Buffer.get_next_combine_buffer(handle)#

Returns the next combine buffer for zero-copy expert output. Use it only with the matching dispatch handle and pass the resulting tensor back to combine() with zero_copy=True.

Buffer.update_ep_member()#

Reconnects EP peers after backend membership changes. Call it after PG recovery updates rank activeness so EP transport metadata and QPs can be refreshed.

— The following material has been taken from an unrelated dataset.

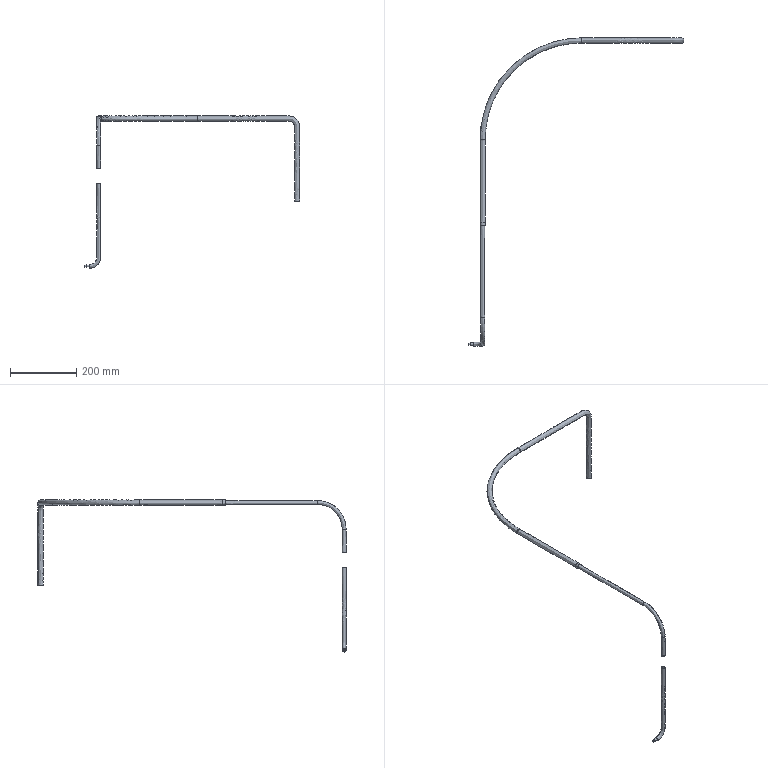Component | NX | WATER_PIPE | 4 solids | 27 faces | volume 152866 mm3 | spline 14 | plane 10 | cylinder 3 | commonest cylinder face diameters 12.04 x1 8.5 x1 5.96 x1

Active-rank tensors: PG vs EP#

There are two active-rank tensors in the API surface:

  • PG active-rank mask: passed to pg.MooncakeBackendOptions. This is the backend-level health mask used by collective and recovery logic.

  • EP active-rank tensor: passed to Buffer.dispatch() and Buffer.combine(). It is also rank-level ([num_ranks], torch.int32) and may be updated by EP kernels when timeout detection marks a peer as failed.

In simple integrations these tensors often carry the same health information, but they are passed through different API layers. Keep their dtype, device, and shape consistent with the process group world size or reserved max_world_size.

Tests and examples#

  • PG collectives: mooncake-pg/tests/test_pg_collectives.py

  • PG elastic recovery and subgroup extension: mooncake-pg/tests/test_pg_elastic.py

  • PG benchmark harness: mooncake-pg/benchmark/README.md

  • EP correctness and failure simulation: mooncake-ep/tests/test_ep_grid.py

  • Wheel-level EP example: mooncake-wheel/tests/test_mooncake_ep.py

See PG/EP troubleshooting for common setup and runtime issues.